Actually those with nothing clever to say usually resort to references about someone's screen name, avatar, or weener size. Since youve never met me, never saw my truck or my weener, I'll let it go.


----------



## topwaterMOJO (Dec 7, 2016)

So how did we get here??? Wow. Sorry everybody, Spanish Mackerel. And no worries, real men, I don't drive a Prius. I drive a Jeep. I guess I was a little too "city-fied" in my post. All that aside, no problem brother, I was just going back at ya in good fun. I have buddies at chasintails and oceana giving me reports almost around the clock. I have a long ass drive so I make sure. just like with the choppers (or Hatteras) blues. Yeah, I lived down there for 10 years - I know the lingo. Maybe I'll see you out there this weekend. I'll be the one chuncking the funky looking lures and getting "smack"ed around by the waves.


----------



## DaBig2na (Aug 7, 2011)

topwaterMOJO said:


> So how did we get here??? Wow. Sorry everybody, Spanish Mackerel. And no worries, real men, I don't drive a Prius. I drive a Jeep. I guess I was a little too "city-fied" in my post. All that aside, no problem brother, I was just going back at ya in good fun. I have buddies at chasintails and oceana giving me reports almost around the clock. I have a long ass drive so I make sure. just like with the choppers (or Hatteras) blues. Yeah, I lived down there for 10 years - I know the lingo. Maybe I'll see you out there this weekend.
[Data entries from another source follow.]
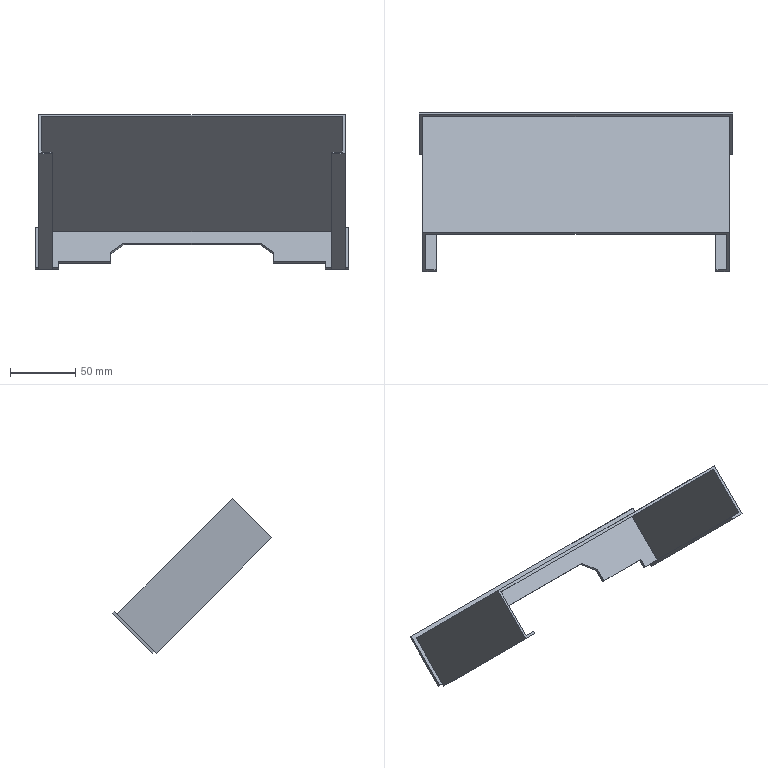Component | SolidWorks | Section4-1 | 2 solids | 30 faces | box 240 x 121.98 x 118.44 mm | volume 96218 mm3 | plane 30
build123d program:
from build123d import *

# Parameters (mm, degrees)
EXTRUDE_THIN1_DEPTH = 125
BOSS_EXTRUDE1_DEPTH = 2


with BuildPart() as part:
    # Sketch1 → Extrude-Thin1 (new body)
    with BuildSketch(Plane.XY):
        Polygon((2151.948, -29.605), (2141.948, -29.605), (2141.948, 12.895), (2375.948, 12.895), (2375.948, -29.605), (2365.948, -29.605), (2365.948, -27.605), (2373.948, -27.605), (2373.948, 10.895), (2143.948, 10.895), (2143.948, -27.605), (2151.948, -27.605), align=None)
    extrude(amount=EXTRUDE_THIN1_DEPTH)


with BuildPart() as body_2:
    # Sketch2 → Boss-Extrude1 (new body)
    with BuildSketch(Plane(origin=(0, 0, 0), x_dir=(-1, 0, 0), z_dir=(0, 0, -1))):
        Polygon((-2360.948, -27.605), (-2378.948, -27.605), (-2378.948, 15.895), (-2138.948, 15.895), (-2138.948, -27.605), (-2156.948, -27.605), (-2156.948, -21.105), (-2196.948, -21.105), (-2196.948, -11.105), (-2206.948, -1.105), (-2310.948, -1.105), (-2320.948, -11.105), (-2320.948, -21.105), (-2360.948, -21.105), align=None)
    extrude(amount=BOSS_EXTRUDE1_DEPTH)


solid = Compound([part.part, body_2.part])

# Placed as in the assembly
solid = solid.moved(Location((-2140.123, -346.52, 136.747), (45, 0, 0)))
STEP:
#1=COLOUR_RGB('',0.7922,0.8196,0.9333);
#2=FILL_AREA_STYLE_COLOUR('',#1);
#3=FILL_AREA_STYLE('',(#2));
#4=SURFACE_STYLE_FILL_AREA(#3);
#5=SURFACE_SIDE_STYLE('',(#4));
#6=SURFACE_STYLE_USAGE(.BOTH.,#5);
#7=PRESENTATION_STYLE_ASSIGNMENT((#6));
#8=CARTESIAN_POINT('',(8.694,-14.411,4.615));
#9=VERTEX_POINT('',#8);
#10=CARTESIAN_POINT('',(8.694,-14.23,4.796));
#11=VERTEX_POINT('',#10);
#12=CARTESIAN_POINT('',(8.694,-14.23,4.796));
#13=DIRECTION('',(-0.,0.7071,0.7071));
#14=VECTOR('',#13,39.37);
#15=LINE('',#12,#14);
#16=EDGE_CURVE('',#9,#11,#15,.T.);
#17=ORIENTED_EDGE('',*,*,#16,.T.);
#18=CARTESIAN_POINT('',(8.694,-14.174,4.741));
#19=VERTEX_POINT('',#18);
#20=CARTESIAN_POINT('',(8.694,-14.174,4.741));
#21=DIRECTION('',(0.,-0.7071,0.7071));
#22=VECTOR('',#21,39.37);
#23=LINE('',#20,#22);
#24=EDGE_CURVE('',#19,#11,#23,.T.);
#25=ORIENTED_EDGE('',*,*,#24,.F.);
#26=CARTESIAN_POINT('',(8.694,-14.355,4.56));
#27=VERTEX_POINT('',#26);
#28=CARTESIAN_POINT('',(8.694,-14.174,4.741));
#29=DIRECTION('',(-0.,0.7071,0.7071));
#30=VECTOR('',#29,39.37);
#31=LINE('',#28,#30);
#32=EDGE_CURVE('',#27,#19,#31,.T.);
#33=ORIENTED_EDGE('',*,*,#32,.F.);
#34=CARTESIAN_POINT('',(8.694,-14.355,4.56));
#35=DIRECTION('',(0.,-0.7071,0.7071));
#36=VECTOR('',#35,39.37);
#37=LINE('',#34,#36);
#38=EDGE_CURVE('',#27,#9,#37,.T.);
#39=ORIENTED_EDGE('',*,*,#38,.T.);
#40=EDGE_LOOP('',(#17,#25,#33,#39));
#41=FACE_OUTER_BOUND('',#40,.T.);
#42=CARTESIAN_POINT('',(8.694,-14.174,4.741));
#43=DIRECTION('',(1.,0.,-0.));
#44=DIRECTION('',(-0.,0.7071,-0.7071));
#45=AXIS2_PLACEMENT_3D('',#42,#43,#44);
#46=PLANE('',#45);
#47=ADVANCED_FACE('',(#41),#46,.F.);
#48=CARTESIAN_POINT('',(7.119,-14.23,4.796));
#49=VERTEX_POINT('',#48);
#50=CARTESIAN_POINT('',(7.119,-14.23,4.796));
#51=DIRECTION('',(-1.,-0.,0.));
#52=VECTOR('',#51,39.37);
#53=LINE('',#50,#52);
#54=EDGE_CURVE('',#11,#49,#53,.T.);
#55=ORIENTED_EDGE('',*,*,#54,.T.);
#56=CARTESIAN_POINT('',(7.119,-14.174,4.741));
#57=VERTEX_POINT('',#56);
#58=CARTESIAN_POINT('',(7.119,-14.174,4.741));
#59=DIRECTION('',(0.,-0.7071,0.7071));
#60=VECTOR('',#59,39.37);
#61=LINE('',#58,#60);
#62=EDGE_CURVE('',#57,#49,#61,.T.);
#63=ORIENTED_EDGE('',*,*,#62,.F.);
#64=CARTESIAN_POINT('',(7.119,-14.174,4.741));
#65=DIRECTION('',(-1.,-0.,0.));
#66=VECTOR('',#65,39.37);
#67=LINE('',#64,#66);
#68=EDGE_CURVE('',#19,#57,#67,.T.);
#69=ORIENTED_EDGE('',*,*,#68,.F.);
#70=ORIENTED_EDGE('',*,*,#24,.T.);
#71=EDGE_LOOP('',(#55,#63,#69,#70));
#72=FACE_OUTER_BOUND('',#71,.T.);
#73=CARTESIAN_POINT('',(7.119,-14.174,4.741));
#74=DIRECTION('',(0.,0.7071,0.7071));
#75=DIRECTION('',(-1.,-0.,0.));
#76=AXIS2_PLACEMENT_3D('',#73,#74,#75);
#77=PLANE('',#76);
#78=ADVANCED_FACE('',(#72),#77,.F.);
#79=CARTESIAN_POINT('',(7.119,-13.952,5.075));
#80=VERTEX_POINT('',#79);
#81=CARTESIAN_POINT('',(7.119,-13.952,5.075));
#82=DIRECTION('',(0.,0.7071,0.7071));
#83=VECTOR('',#82,39.37);
#84=LINE('',#81,#83);
#85=EDGE_CURVE('',#49,#80,#84,.T.);
#86=ORIENTED_EDGE('',*,*,#85,.T.);
#87=CARTESIAN_POINT('',(7.119,-13.896,5.019));
#88=VERTEX_POINT('',#87);
#89=CARTESIAN_POINT('',(7.119,-13.896,5.019));
#90=DIRECTION('',(0.,-0.7071,0.7071));
#91=VECTOR('',#90,39.37);
#92=LINE('',#89,#91);
#93=EDGE_CURVE('',#88,#80,#92,.T.);
#94=ORIENTED_EDGE('',*,*,#93,.F.);
#95=CARTESIAN_POINT('',(7.119,-13.896,5.019));
#96=DIRECTION('',(0.,0.7071,0.7071));
#97=VECTOR('',#96,39.37);
#98=LINE('',#95,#97);
#99=EDGE_CURVE('',#57,#88,#98,.T.);
#100=ORIENTED_EDGE('',*,*,#99,.F.);
#101=ORIENTED_EDGE('',*,*,#62,.T.);
#102=EDGE_LOOP('',(#86,#94,#100,#101));
#103=FACE_OUTER_BOUND('',#102,.T.);
#104=CARTESIAN_POINT('',(7.119,-13.896,5.019));
#105=DIRECTION('',(1.,-0.,-0.));
#106=DIRECTION('',(0.,0.7071,0.7071));
#107=AXIS2_PLACEMENT_3D('',#104,#105,#106);
#108=PLANE('',#107);
#109=ADVANCED_FACE('',(#103),#108,.F.);
#110=CARTESIAN_POINT('',(6.725,-13.673,5.353));
#111=VERTEX_POINT('',#110);
#112=CARTESIAN_POINT('',(6.725,-13.673,5.353));
#113=DIRECTION('',(-0.7071,0.5,0.5));
#114=VECTOR('',#113,39.37);
#115=LINE('',#112,#114);
#116=EDGE_CURVE('',#80,#111,#115,.T.);
#117=ORIENTED_EDGE('',*,*,#116,.T.);
#118=CARTESIAN_POINT('',(6.725,-13.618,5.297));
#119=VERTEX_POINT('',#118);
#120=CARTESIAN_POINT('',(6.725,-13.618,5.297));
#121=DIRECTION('',(0.,-0.7071,0.7071));
#122=VECTOR('',#121,39.37);
#123=LINE('',#120,#122);
#124=EDGE_CURVE('',#119,#111,#123,.T.);
#125=ORIENTED_EDGE('',*,*,#124,.F.);
#126=CARTESIAN_POINT('',(6.725,-13.618,5.297));
#127=DIRECTION('',(-0.7071,0.5,0.5));
#128=VECTOR('',#127,39.37);
#129=LINE('',#126,#128);
#130=EDGE_CURVE('',#88,#119,#129,.T.);
#131=ORIENTED_EDGE('',*,*,#130,.F.);
#132=ORIENTED_EDGE('',*,*,#93,.T.);
#133=EDGE_LOOP('',(#117,#125,#131,#132));
#134=FACE_OUTER_BOUND('',#133,.T.);
#135=CARTESIAN_POINT('',(6.725,-13.618,5.297));
#136=DIRECTION('',(0.7071,0.5,0.5));
#137=DIRECTION('',(-0.7071,0.5,0.5));
#138=AXIS2_PLACEMENT_3D('',#135,#136,#137);
#139=PLANE('',#138);
#140=ADVANCED_FACE('',(#134),#139,.F.);
#141=CARTESIAN_POINT('',(2.631,-13.673,5.353));
#142=VERTEX_POINT('',#141);
#143=CARTESIAN_POINT('',(2.631,-13.673,5.353));
#144=DIRECTION('',(-1.,-0.,0.));
#145=VECTOR('',#144,39.37);
#146=LINE('',#143,#145);
#147=EDGE_CURVE('',#111,#142,#146,.T.);
#148=ORIENTED_EDGE('',*,*,#147,.T.);
#149=CARTESIAN_POINT('',(2.631,-13.618,5.297));
#150=VERTEX_POINT('',#149);
#151=CARTESIAN_POINT('',(2.631,-13.618,5.297));
#152=DIRECTION('',(0.,-0.7071,0.7071));
#153=VECTOR('',#152,39.37);
#154=LINE('',#151,#153);
#155=EDGE_CURVE('',#150,#142,#154,.T.);
#156=ORIENTED_EDGE('',*,*,#155,.F.);
#157=CARTESIAN_POINT('',(2.631,-13.618,5.297));
#158=DIRECTION('',(-1.,-0.,0.));
#159=VECTOR('',#158,39.37);
#160=LINE('',#157,#159);
#161=EDGE_CURVE('',#119,#150,#160,.T.);
#162=ORIENTED_EDGE('',*,*,#161,.F.);
#163=ORIENTED_EDGE('',*,*,#124,.T.);
#164=EDGE_LOOP('',(#148,#156,#162,#163));
#165=FACE_OUTER_BOUND('',#164,.T.);
#166=CARTESIAN_POINT('',(2.631,-13.618,5.297));
#167=DIRECTION('',(0.,0.7071,0.7071));
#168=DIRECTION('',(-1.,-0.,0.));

I'll be the one chuncking the funky looking lures and getting "smack"ed around by the waves.


It's all in fun dude!!! You gotta have some thick skin for this forum... The Old "Fish MoJo" was a lot worse.. I have a buddy who fishes Oceana quite a bit... he was on the treadmill next to me this morning he is heading down himself also.. I just taught him how to tie an FG knot.. He really digs it because he uses braid on his plugging rod.. Not sure what kind of funky looking lures you're taking about ...I have seen em all...I hear "smacks" from time to time from the guys who fish the Southern Beaches...
The guys at Bogue inlet pier call em Hatteras Blues.... Not sure Why... I think the last one I caught came from New Jersey...

If you drive a Wrangler..... well....The last year a JEEP was made was 1986 as far as I'm concerned... After that they became Chrysler products...... That's a "Pretend" Jeep!


----------



## 1BadF350 (Jul 19, 2006)

Me and Tuna were in one of the biggest Spanish bites Ive ever seen in my life last June. Spanish were 4-5 pounds and nailed gotcha plugs EVERY cast almost as soon as it hit the water. 50 guys shoulder to shoulder just bailing them for three hours non stop. Was pretty epic.


----------



## Papa-T (Sep 5, 2011)




----------



## Mumbo_Pungo (Dec 8, 2014)

I drive a Prius and like to catch Spanish....


----------



## topwaterMOJO (Dec 7, 2016)

Hey, Mumbo, do they taste a little different since you drive a Prius??? hahaha.


----------



## Mumbo_Pungo (Dec 8, 2014)

Nah, taste the same. Though I feel better about myself knowing I'm saving the planet... Haha.


----------



## topwaterMOJO (Dec 7, 2016)

hahaha, right on brother. what's the deal with the weather down there? I've seen rain on Saturday but no rain Friday? If the rain, hold until Saturday, the water should be clean Saturday, no?


----------



## kurazy kracka (Oct 14, 2008)

1BadFiesta said:


> Actually those with nothing clever to say usually resort to references about someone's screen name, avatar, or weener size. Since youve never met me, never saw my truck or my weener, I'll let it go.


fixed


----------



## 1BadF350 (Jul 19, 2006)

kurazy kracka said:


> fixed


LOL Dick. You are never drinking beer at my house again.:beer:


----------



## DaBig2na (Aug 7, 2011)

kurazy kracka said:


> fixed


Well I wasn't going to say anything!!! But since KK brought it up

Ya know since he got married SHE drives the 4x4 now..... Kinda makes ya wonder huh KK


----------



## Bosco (Jan 2, 2017)

You should be thick skin and take the insults, but if you lash back it becomes all in fun.
Kinda like a cheap spring loaded toy, so easy to wind'em up. Don't forget it's all in fun.


----------



## Drumdum (Jan 6, 2003)

1BadF350 said:


>


 How about "Bullreds"??????????


----------



## DaBig2na (Aug 7, 2011)

Drumdum said:


> How about "Bullreds"??????????


OMG... yeah I don't like that one either.. 
Who the hell came up with that one anyway?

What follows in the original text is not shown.